The viscous stress compared to the slip surface coverage, showing the effect of the number and the proportion of slip patches. Results indicate that few and large slip patches have the largest effect on the viscous force

4 Conclusion

We have investigated fluid flow in a 2D model system in the nanometre range, with a central slip patch adjacent to two peripheral stick patches on the bottom surface X. The study has shown that the results are scalable, i.e. independent on length scale, and for a more pronounced effect of the fluid flow, the ratio of the size of the slip patch divided by the distances between the surfaces should be close or above one.
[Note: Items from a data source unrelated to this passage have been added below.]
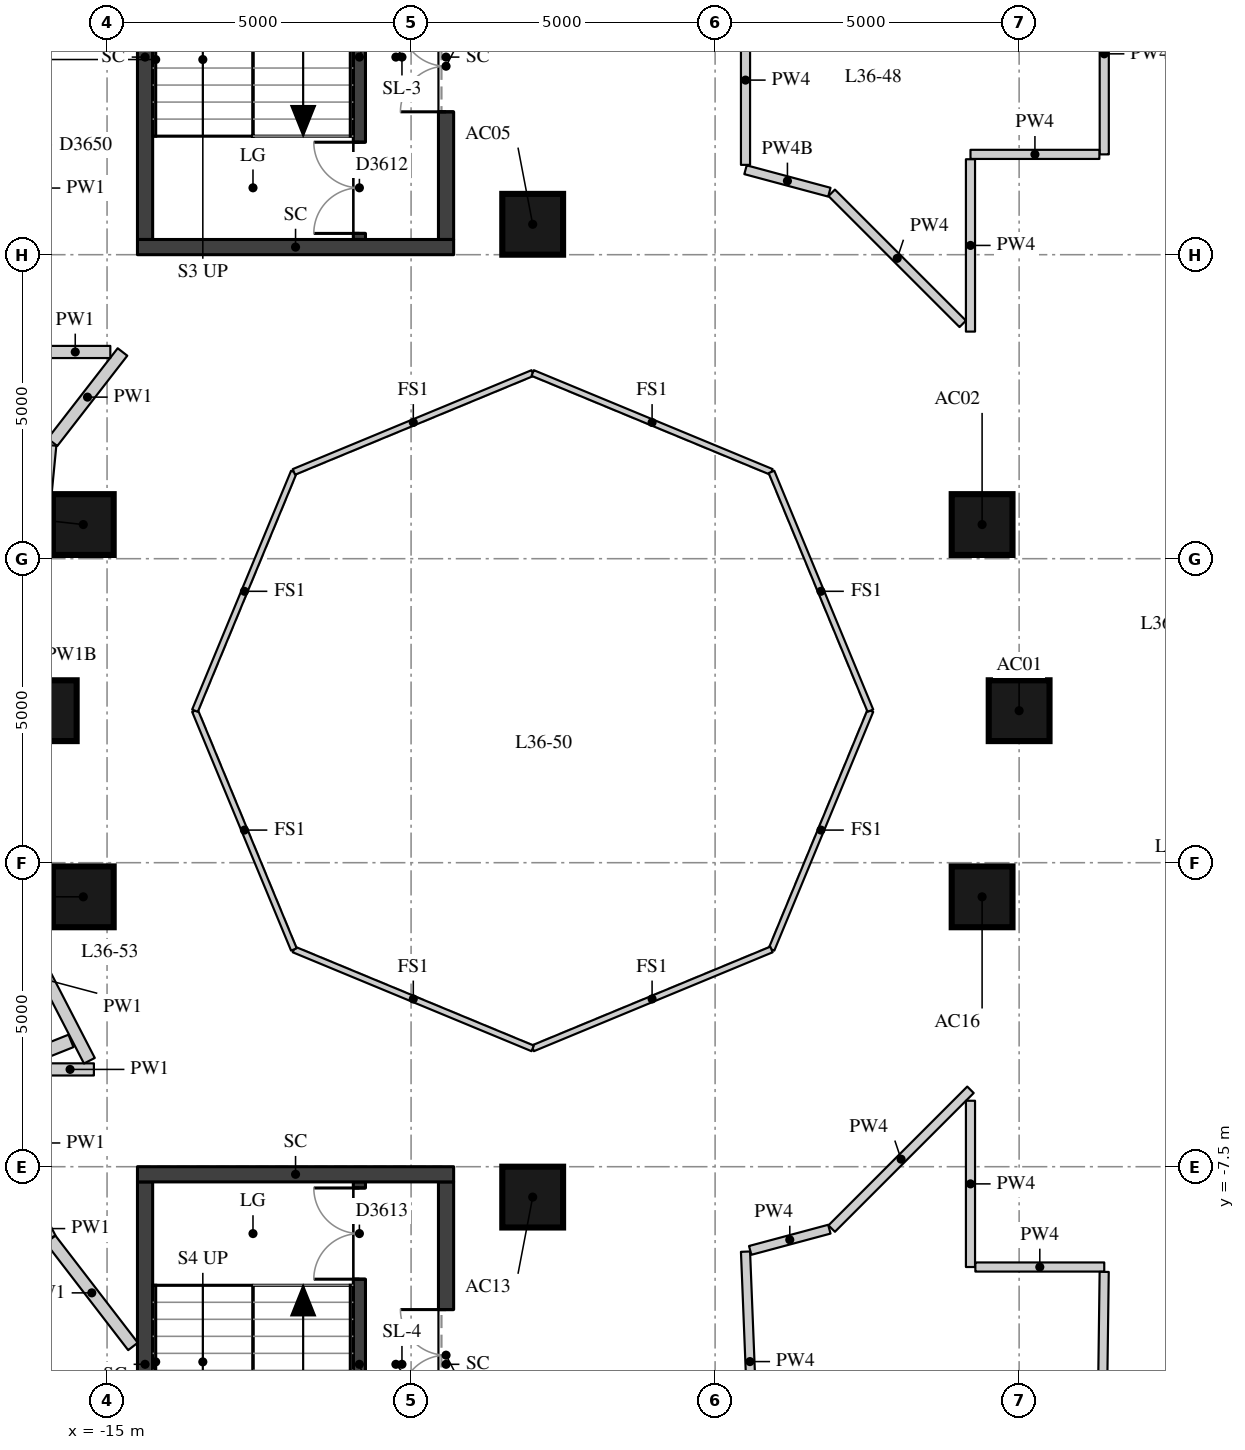
"""IFC4 building model, lengths in metres.
Left out: names, types, materials, properties, quantities, classifications, styles, units other than length and angle.
Written with IfcOpenShell. Run it as: python <this file> out.ifc"""

import sys

from ifc_helpers import new_model, si_unit, direction, frame, frame_2d, origin, origin_2d, place, context, subcontext, project, spatial, rectangle, extrude, element, fill, save


model = new_model("IFC4")
c1 = context("Model", 3, precision=1e-05, world=origin(), true_north=direction((0.0, 1.0)))
c2 = subcontext(c1, "Body", "Model", "MODEL_VIEW")
j1 = project(units=[si_unit("LENGTHUNIT", "METRE"), si_unit("PLANEANGLEUNIT", "RADIAN")], contexts=[c1])
p1 = place(None, origin())
s1 = spatial("IfcSite", under=j1, at=p1, CompositionType="ELEMENT")
p2 = place(p1, origin())
s2 = spatial("IfcBuilding", under=s1, at=p2, CompositionType="ELEMENT")
p3 = place(p2, frame((0.0, 0.0, 128.5)))
s3 = spatial("IfcBuildingStorey", under=s2, at=p3, CompositionType="ELEMENT", Elevation=128.5)
for number, where, z_axis, x_axis in (
    (1, (0.0, 0.0, 0.0), (0.0, 0.0, 1.0), (1.0, 0.0, 0.0)),
    (2, (-0.609, 3.062, 0.0), (0.0, 0.0, 1.0), (1.0, 0.0, 0.0)),
    (3, (-8.0, 8.0, 0.0), (0.0, 0.0, 1.0), (1.0, 0.0, 0.0)),
    (4, (-15.391, 3.062, 0.0), (0.0, 0.0, 1.0), (1.0, 0.0, 0.0)),
    (5, (-16.0, 0.0, 0.0), (0.0, 0.0, 1.0), (1.0, 0.0, 0.0)),
    (6, (-15.391, -3.062, 0.0), (0.0, 0.0, 1.0), (1.0, 0.0, 0.0)),
    (7, (-8.0, -8.0, 0.0), (0.0, 0.0, 1.0), (1.0, 0.0, 0.0)),
    (8, (-0.609, -3.062, 0.0), (0.0, 0.0, 1.0), (1.0, 0.0, 0.0)),
):
    element("IfcColumn", number, at=place(p3, frame(where, z_axis=z_axis, x_axis=x_axis)), inside=s3, PredefinedType="COLUMN", context=c2, shape_type="SweptSolid", body=[
        extrude(rectangle(XDim=1.0, YDim=1.0, at=origin_2d()), origin(), (0.0, 0.0, 1.0), 3.3),
    ])
p4 = place(p3, frame((-10.85, 7.75, 0.0), z_axis=(0.0, 0.0, 1.0), x_axis=(0.0, 1.0, 0.0)))
e9 = element("IfcWall", 9, at=p4, inside=s3, PredefinedType="SHEAR", context=c2, shape_type="SweptSolid", body=[
    extrude(rectangle(XDim=6.0, YDim=0.2, at=frame_2d((3.0, 0.0))), origin(), (0.0, 0.0, 1.0), 3.02),
])
p5 = place(p4, frame((0.1, 0.0, 0.0)))
e10 = element("IfcOpeningElement", 10, at=p5, cuts=e9, PredefinedType="OPENING", context=c2, shape_type="SweptSolid", body=[
    extrude(rectangle(XDim=1.5, YDim=2.1, at=frame_2d((0.75, 1.05))), frame((0.0, 0.11, 0.0), z_axis=(0.0, -1.0, 0.0), x_axis=(1.0, 0.0, 0.0)), (0.0, 0.0, 1.0), 0.22),
])
p6 = place(p3, frame((-10.85, -13.75, 0.0), z_axis=(0.0, 0.0, 1.0), x_axis=(0.0, 1.0, 0.0)))
e11 = element("IfcWall", 11, at=p6, inside=s3, PredefinedType="SHEAR", context=c2, shape_type="SweptSolid", body=[
    extrude(rectangle(XDim=6.0, YDim=0.2, at=frame_2d((3.0, 0.0))), origin(), (0.0, 0.0, 1.0), 3.02),
])
p7 = place(p6, frame((4.4, 0.0, 0.0)))
e12 = element("IfcOpeningElement", 12, at=p7, cuts=e11, PredefinedType="OPENING", context=c2, shape_type="SweptSolid", body=[
    extrude(rectangle(XDim=1.5, YDim=2.1, at=frame_2d((0.75, 1.05))), frame((0.0, 0.11, 0.0), z_axis=(0.0, -1.0, 0.0), x_axis=(1.0, 0.0, 0.0)), (0.0, 0.0, 1.0), 0.22),
])
p8 = place(p3, frame((-14.375, 7.75, -0.28), z_axis=(0.0, 0.0, 1.0), x_axis=(0.0, 1.0, 0.0)))
e13 = element("IfcWall", 13, at=p8, inside=s3, PredefinedType="SHEAR", context=c2, shape_type="SweptSolid", body=[
    extrude(rectangle(XDim=6.0, YDim=0.25, at=frame_2d((3.0, 0.0))), origin(), (0.0, 0.0, 1.0), 3.3),
])
p9 = place(p3, frame((-9.425, 7.75, -0.28), z_axis=(0.0, 0.0, 1.0), x_axis=(0.0, 1.0, 0.0)))
e14 = element("IfcWall", 14, at=p9, inside=s3, PredefinedType="SHEAR", context=c2, shape_type="SweptSolid", body=[
    extrude(rectangle(XDim=6.0, YDim=0.25, at=frame_2d((3.0, 0.0))), origin(), (0.0, 0.0, 1.0), 3.3),
])
p10 = place(p9, frame((2.1, 0.0, 0.28)))
e15 = element("IfcOpeningElement", 15, at=p10, cuts=e14, PredefinedType="OPENING", context=c2, shape_type="SweptSolid", body=[
    extrude(rectangle(XDim=1.5, YDim=2.1, at=frame_2d((0.75, 1.05))), frame((0.0, 0.135, 0.0), z_axis=(0.0, -1.0, 0.0), x_axis=(1.0, 0.0, 0.0)), (0.0, 0.0, 1.0), 0.27),
])
p11 = place(p3, frame((-14.5, 7.625, -0.28), z_axis=(0.0, 0.0, 1.0), x_axis=(1.0, 0.0, 0.0)))
e16 = element("IfcWall", 16, at=p11, inside=s3, PredefinedType="SHEAR", context=c2, shape_type="SweptSolid", body=[
    extrude(rectangle(XDim=5.2, YDim=0.25, at=frame_2d((2.6, 0.0))), origin(), (0.0, 0.0, 1.0), 3.3),
])
p12 = place(p3, frame((-14.375, -13.75, -0.28), z_axis=(0.0, 0.0, 1.0), x_axis=(0.0, 1.0, 0.0)))
e17 = element("IfcWall", 17, at=p12, inside=s3, PredefinedType="SHEAR", context=c2, shape_type="SweptSolid", body=[
    extrude(rectangle(XDim=6.0, YDim=0.25, at=frame_2d((3.0, 0.0))), origin(), (0.0, 0.0, 1.0), 3.3),
])
p13 = place(p3, frame((-9.425, -13.75, -0.28), z_axis=(0.0, 0.0, 1.0), x_axis=(0.0, 1.0, 0.0)))
e18 = element("IfcWall", 18, at=p13, inside=s3, PredefinedType="SHEAR", context=c2, shape_type="SweptSolid", body=[
    extrude(rectangle(XDim=6.0, YDim=0.25, at=frame_2d((3.0, 0.0))), origin(), (0.0, 0.0, 1.0), 3.3),
])
p14 = place(p13, frame((2.4, 0.0, 0.28)))
e19 = element("IfcOpeningElement", 19, at=p14, cuts=e18, PredefinedType="OPENING", context=c2, shape_type="SweptSolid", body=[
    extrude(rectangle(XDim=1.5, YDim=2.1, at=frame_2d((0.75, 1.05))), frame((0.0, 0.135, 0.0), z_axis=(0.0, -1.0, 0.0), x_axis=(1.0, 0.0, 0.0)), (0.0, 0.0, 1.0), 0.27),
])
p15 = place(p3, frame((-14.5, -7.625, -0.28), z_axis=(0.0, 0.0, 1.0), x_axis=(1.0, 0.0, 0.0)))
e20 = element("IfcWall", 20, at=p15, inside=s3, PredefinedType="SHEAR", context=c2, shape_type="SweptSolid", body=[
    extrude(rectangle(XDim=5.2, YDim=0.25, at=frame_2d((2.6, 0.0))), origin(), (0.0, 0.0, 1.0), 3.3),
])
p16 = place(p3, frame((-14.573, -10.456, 0.0), z_axis=(0.0, 0.0, 1.0), x_axis=(-0.60967360535, 0.792652568872, 0.0)))
e21 = element("IfcWall", 21, at=p16, inside=s3, PredefinedType="PARTITIONING", context=c2, shape_type="SweptSolid", body=[
    extrude(rectangle(XDim=2.223, YDim=0.2, at=frame_2d((1.111, 0.0))), origin(), (0.0, 0.0, 1.0), 3.02),
])
p17 = place(p3, frame((-15.938, -8.676, 0.0), z_axis=(0.0, 0.0, 1.0), x_axis=(-0.456525695549, 0.889710227717, 0.0)))
e22 = element("IfcWall", 22, at=p17, inside=s3, PredefinedType="PARTITIONING", context=c2, shape_type="SweptSolid", body=[
    extrude(rectangle(XDim=0.356, YDim=0.2, at=frame_2d((0.178, 0.0))), origin(), (0.0, 0.0, 1.0), 3.02),
])
p18 = place(p3, frame((-16.0, -5.9, 0.0), z_axis=(0.0, 0.0, 1.0), x_axis=(1.0, 0.0, 0.0)))
e23 = element("IfcWall", 23, at=p18, inside=s3, PredefinedType="PARTITIONING", context=c2, shape_type="SweptSolid", body=[
    extrude(rectangle(XDim=0.784, YDim=0.2, at=frame_2d((0.392, 0.0))), origin(), (0.0, 0.0, 1.0), 3.02),
])
p19 = place(p3, frame((-15.291, -5.757, 0.0), z_axis=(0.0, 0.0, 1.0), x_axis=(-0.45873256191, 0.888574384418, 0.0)))
e24 = element("IfcWall", 24, at=p19, inside=s3, PredefinedType="PARTITIONING", context=c2, shape_type="SweptSolid", body=[
    extrude(rectangle(XDim=2.983, YDim=0.2, at=frame_2d((1.491, 0.0))), origin(), (0.0, 0.0, 1.0), 3.02),
])
p20 = place(p3, frame((-16.653, -3.047, 0.0), z_axis=(0.0, 0.0, 1.0), x_axis=(0.096559879606, 0.995327177189, 0.0)))
e25 = element("IfcWall", 25, at=p20, inside=s3, PredefinedType="PARTITIONING", context=c2, shape_type="SweptSolid", body=[
    extrude(rectangle(XDim=7.449, YDim=0.2, at=frame_2d((3.724, 0.0))), origin(), (0.0, 0.0, 1.0), 2.52),
])
p21 = place(p20, frame((0.864, 0.0, 0.0)))
e26 = element("IfcOpeningElement", 26, at=p21, cuts=e25, PredefinedType="OPENING", context=c2, shape_type="SweptSolid", body=[
    extrude(rectangle(XDim=1.1, YDim=2.1, at=frame_2d((0.55, 1.05))), frame((0.0, 0.11, 0.0), z_axis=(0.0, -1.0, 0.0), x_axis=(1.0, 0.0, 0.0)), (0.0, 0.0, 1.0), 0.22),
])
p22 = place(p3, frame((-15.897, 4.415, 0.0), z_axis=(0.0, 0.0, 1.0), x_axis=(0.612626457361, 0.790372585393, 0.0)))
e27 = element("IfcWall", 27, at=p22, inside=s3, PredefinedType="PARTITIONING", context=c2, shape_type="SweptSolid", body=[
    extrude(rectangle(XDim=1.879, YDim=0.2, at=frame_2d((0.939, 0.0))), origin(), (0.0, 0.0, 1.0), 3.02),
])
p23 = place(p3, frame((-14.946, 5.9, 0.0), z_axis=(0.0, 0.0, 1.0), x_axis=(-1.0, 0.0, 0.0)))
e28 = element("IfcWall", 28, at=p23, inside=s3, PredefinedType="PARTITIONING", context=c2, shape_type="SweptSolid", body=[
    extrude(rectangle(XDim=1.154, YDim=0.2, at=frame_2d((0.577, 0.0))), origin(), (0.0, 0.0, 1.0), 3.02),
])
p24 = place(p3, frame((1.4, 12.457, 0.0), z_axis=(0.0, 0.0, 1.0), x_axis=(0.0, -1.0, 0.0)))
e29 = element("IfcWall", 29, at=p24, inside=s3, PredefinedType="PARTITIONING", context=c2, shape_type="SweptSolid", body=[
    extrude(rectangle(XDim=3.307, YDim=0.15, at=frame_2d((1.654, 0.0))), origin(), (0.0, 0.0, 1.0), 3.02),
])
p25 = place(p3, frame((1.32, 9.15, 0.0), z_axis=(0.0, 0.0, 1.0), x_axis=(-1.0, 0.0, 0.0)))
e30 = element("IfcWall", 30, at=p25, inside=s3, PredefinedType="PARTITIONING", context=c2, shape_type="SweptSolid", body=[
    extrude(rectangle(XDim=2.12, YDim=0.15, at=frame_2d((1.06, 0.0))), origin(), (0.0, 0.0, 1.0), 3.02),
])
p26 = place(p3, frame((-0.8, 9.07, 0.0), z_axis=(0.0, 0.0, 1.0), x_axis=(0.0, -1.0, 0.0)))
e31 = element("IfcWall", 31, at=p26, inside=s3, PredefinedType="PARTITIONING", context=c2, shape_type="SweptSolid", body=[
    extrude(rectangle(XDim=2.835, YDim=0.15, at=frame_2d((1.417, 0.0))), origin(), (0.0, 0.0, 1.0), 3.02),
])
p27 = place(p3, frame((-0.927, 6.363, 0.0), z_axis=(0.0, 0.0, 1.0), x_axis=(-0.707106781187, 0.707106781187, 0.0)))
e32 = element("IfcWall", 32, at=p27, inside=s3, PredefinedType="PARTITIONING", context=c2, shape_type="SweptSolid", body=[
    extrude(rectangle(XDim=3.048, YDim=0.15, at=frame_2d((1.524, 0.0))), origin(), (0.0, 0.0, 1.0), 3.02),
])
p28 = place(p3, frame((-3.121, 8.528, 0.0), z_axis=(0.0, 0.0, 1.0), x_axis=(-0.965941945062, 0.258758881529, 0.0)))
e33 = element("IfcWall", 33, at=p28, inside=s3, PredefinedType="PARTITIONING", context=c2, shape_type="SweptSolid", body=[
    extrude(rectangle(XDim=1.427, YDim=0.15, at=frame_2d((0.714, 0.0))), origin(), (0.0, 0.0, 1.0), 2.47),
])
p29 = place(p3, frame((-4.5, 8.977, 0.0), z_axis=(0.0, 0.0, 1.0), x_axis=(0.0, 1.0, 0.0)))
e34 = element("IfcWall", 34, at=p29, inside=s3, PredefinedType="PARTITIONING", context=c2, shape_type="SweptSolid", body=[
    extrude(rectangle(XDim=2.789, YDim=0.15, at=frame_2d((1.394, 0.0))), origin(), (0.0, 0.0, 1.0), 3.02),
])
p30 = place(p3, frame((-3.083, -8.518, 0.0), z_axis=(0.0, 0.0, 1.0), x_axis=(0.707106781187, 0.707106781187, 0.0)))
e35 = element("IfcWall", 35, at=p30, inside=s3, PredefinedType="PARTITIONING", context=c2, shape_type="SweptSolid", body=[
    extrude(rectangle(XDim=3.228, YDim=0.15, at=frame_2d((1.614, 0.0))), origin(), (0.0, 0.0, 1.0), 3.02),
])
p31 = place(p3, frame((-0.8, -6.415, 0.0), z_axis=(0.0, 0.0, 1.0), x_axis=(0.0, -1.0, 0.0)))
e36 = element("IfcWall", 36, at=p31, inside=s3, PredefinedType="PARTITIONING", context=c2, shape_type="SweptSolid", body=[
    extrude(rectangle(XDim=2.735, YDim=0.15, at=frame_2d((1.367, 0.0))), origin(), (0.0, 0.0, 1.0), 3.02),
])
p32 = place(p3, frame((-0.72, -9.15, 0.0), z_axis=(0.0, 0.0, 1.0), x_axis=(1.0, 0.0, 0.0)))
e37 = element("IfcWall", 37, at=p32, inside=s3, PredefinedType="PARTITIONING", context=c2, shape_type="SweptSolid", body=[
    extrude(rectangle(XDim=2.12, YDim=0.15, at=frame_2d((1.06, 0.0))), origin(), (0.0, 0.0, 1.0), 3.02),
])
p33 = place(p3, frame((1.399, -9.23, 0.0), z_axis=(0.0, 0.0, 1.0), x_axis=(-0.013008669764, -0.999915383676, 0.0)))
e38 = element("IfcWall", 38, at=p33, inside=s3, PredefinedType="PARTITIONING", context=c2, shape_type="SweptSolid", body=[
    extrude(rectangle(XDim=4.598, YDim=0.15, at=frame_2d((2.299, 0.0))), origin(), (0.0, 0.0, 1.0), 3.02),
])
p34 = place(p33, frame((1.849, 0.0, 0.0)))
e39 = element("IfcOpeningElement", 39, at=p34, cuts=e38, PredefinedType="OPENING", context=c2, shape_type="SweptSolid", body=[
    extrude(rectangle(XDim=0.9, YDim=2.1, at=frame_2d((0.45, 1.05))), frame((0.0, 0.085, 0.0), z_axis=(0.0, -1.0, 0.0), x_axis=(1.0, 0.0, 0.0)), (0.0, 0.0, 1.0), 0.17),
])
p35 = place(p3, frame((-4.355, -12.513, 0.0), z_axis=(0.0, 0.0, 1.0), x_axis=(-0.040070411422, 0.999196858546, 0.0)))
e40 = element("IfcWall", 40, at=p35, inside=s3, PredefinedType="PARTITIONING", context=c2, shape_type="SweptSolid", body=[
    extrude(rectangle(XDim=3.619, YDim=0.15, at=frame_2d((1.81, 0.0))), origin(), (0.0, 0.0, 1.0), 3.02),
])
p36 = place(p3, frame((-4.423, -8.877, 0.0), z_axis=(0.0, 0.0, 1.0), x_axis=(0.965912469164, 0.258868889429, 0.0)))
e41 = element("IfcWall", 41, at=p36, inside=s3, PredefinedType="PARTITIONING", context=c2, shape_type="SweptSolid", body=[
    extrude(rectangle(XDim=1.348, YDim=0.15, at=frame_2d((0.674, 0.0))), origin(), (0.0, 0.0, 1.0), 3.02),
])
p37 = place(p3, frame((-21.736, -7.887, 0.0), z_axis=(0.0, 0.0, 1.0), x_axis=(0.928547942842, 0.371212496884, 0.0)))
e42 = element("IfcWall", 42, at=p37, inside=s3, PredefinedType="PARTITIONING", context=c2, shape_type="SweptSolid", body=[
    extrude(rectangle(XDim=6.615, YDim=0.22, at=frame_2d((3.308, 0.0))), origin(), (0.0, 0.0, 1.0), 3.02),
])
for number, where, z_axis, x_axis in (
    (43, (-2.446, 0.0, 0.0), (0.0, 0.0, 1.0), (-0.383, -0.924, 0.0)),
    (44, (-4.073, -3.927, 0.0), (0.0, 0.0, 1.0), (-0.924, -0.383, 0.0)),
    (45, (-8.0, -5.554, 0.0), (0.0, 0.0, 1.0), (-0.924, 0.383, 0.0)),
    (46, (-11.927, -3.927, 0.0), (0.0, 0.0, 1.0), (-0.383, 0.924, 0.0)),
    (47, (-13.554, 0.0, 0.0), (0.0, 0.0, 1.0), (0.383, 0.924, 0.0)),
    (48, (-11.927, 3.927, 0.0), (0.0, 0.0, 1.0), (0.924, 0.383, 0.0)),
    (49, (-8.0, 5.554, 0.0), (0.0, 0.0, 1.0), (0.924, -0.383, 0.0)),
    (50, (-4.073, 3.927, 0.0), (0.0, 0.0, 1.0), (0.383, -0.924, 0.0)),
):
    element("IfcWall", number, at=place(p3, frame(where, z_axis=z_axis, x_axis=x_axis)), inside=s3, PredefinedType="PARTITIONING", context=c2, shape_type="SweptSolid", body=[
        extrude(rectangle(XDim=4.251, YDim=0.1, at=frame_2d((2.125, 0.0))), origin(), (0.0, 0.0, 1.0), 3.02),
    ])
p38 = place(p5, origin())
e51 = element("IfcDoor", 51, at=p38, inside=s3, OperationType="DOUBLE_DOOR_SINGLE_SWING", PredefinedType="DOOR", context=c2, shape_type="SweptSolid", body=[
    extrude(rectangle(XDim=1.5, YDim=2.1, at=frame_2d((0.75, 1.05))), frame((0.0, 0.025, 0.0), z_axis=(0.0, -1.0, 0.0), x_axis=(1.0, 0.0, 0.0)), (0.0, 0.0, 1.0), 0.05),
])
fill(e10, e51)
p39 = place(p7, origin())
e52 = element("IfcDoor", 52, at=p39, inside=s3, OperationType="DOUBLE_DOOR_SINGLE_SWING", PredefinedType="DOOR", context=c2, shape_type="SweptSolid", body=[
    extrude(rectangle(XDim=1.5, YDim=2.1, at=frame_2d((0.75, 1.05))), frame((0.0, 0.025, 0.0), z_axis=(0.0, -1.0, 0.0), x_axis=(1.0, 0.0, 0.0)), (0.0, 0.0, 1.0), 0.05),
])
fill(e12, e52)
p40 = place(p10, origin())
e53 = element("IfcDoor", 53, at=p40, inside=s3, OperationType="DOUBLE_DOOR_SINGLE_SWING", PredefinedType="DOOR", context=c2, shape_type="SweptSolid", body=[
    extrude(rectangle(XDim=1.5, YDim=2.1, at=frame_2d((0.75, 1.05))), frame((0.0, 0.025, 0.0), z_axis=(0.0, -1.0, 0.0), x_axis=(1.0, 0.0, 0.0)), (0.0, 0.0, 1.0), 0.05),
])
fill(e15, e53)
p41 = place(p14, origin())
e54 = element("IfcDoor", 54, at=p41, inside=s3, OperationType="DOUBLE_DOOR_SINGLE_SWING", PredefinedType="DOOR", context=c2, shape_type="SweptSolid", body=[
    extrude(rectangle(XDim=1.5, YDim=2.1, at=frame_2d((0.75, 1.05))), frame((0.0, 0.025, 0.0), z_axis=(0.0, -1.0, 0.0), x_axis=(1.0, 0.0, 0.0)), (0.0, 0.0, 1.0), 0.05),
])
fill(e19, e54)
save(model, sys.argv[1])

For small slip fractions, an increase of X of A times gave rise to an A times increased viscous stress at the top surface, whereas an increase in the height Y implied an inverse relationship. For larger slip fractions, the relationship was logarithmic. When increasing the number of slip patches in the model, it was noticed that for smaller slip fractions, the number of slip patches did not have an impact on the viscous stress, whereas for larger slip fractions, a slip patch fragmentation resulting in several small slip patches showed minor effect on the viscous stress. To obtain a large effect on the viscous stress, the slip fraction should be large, preferably above 90 %, and the number of slip patches should be low, preferably one.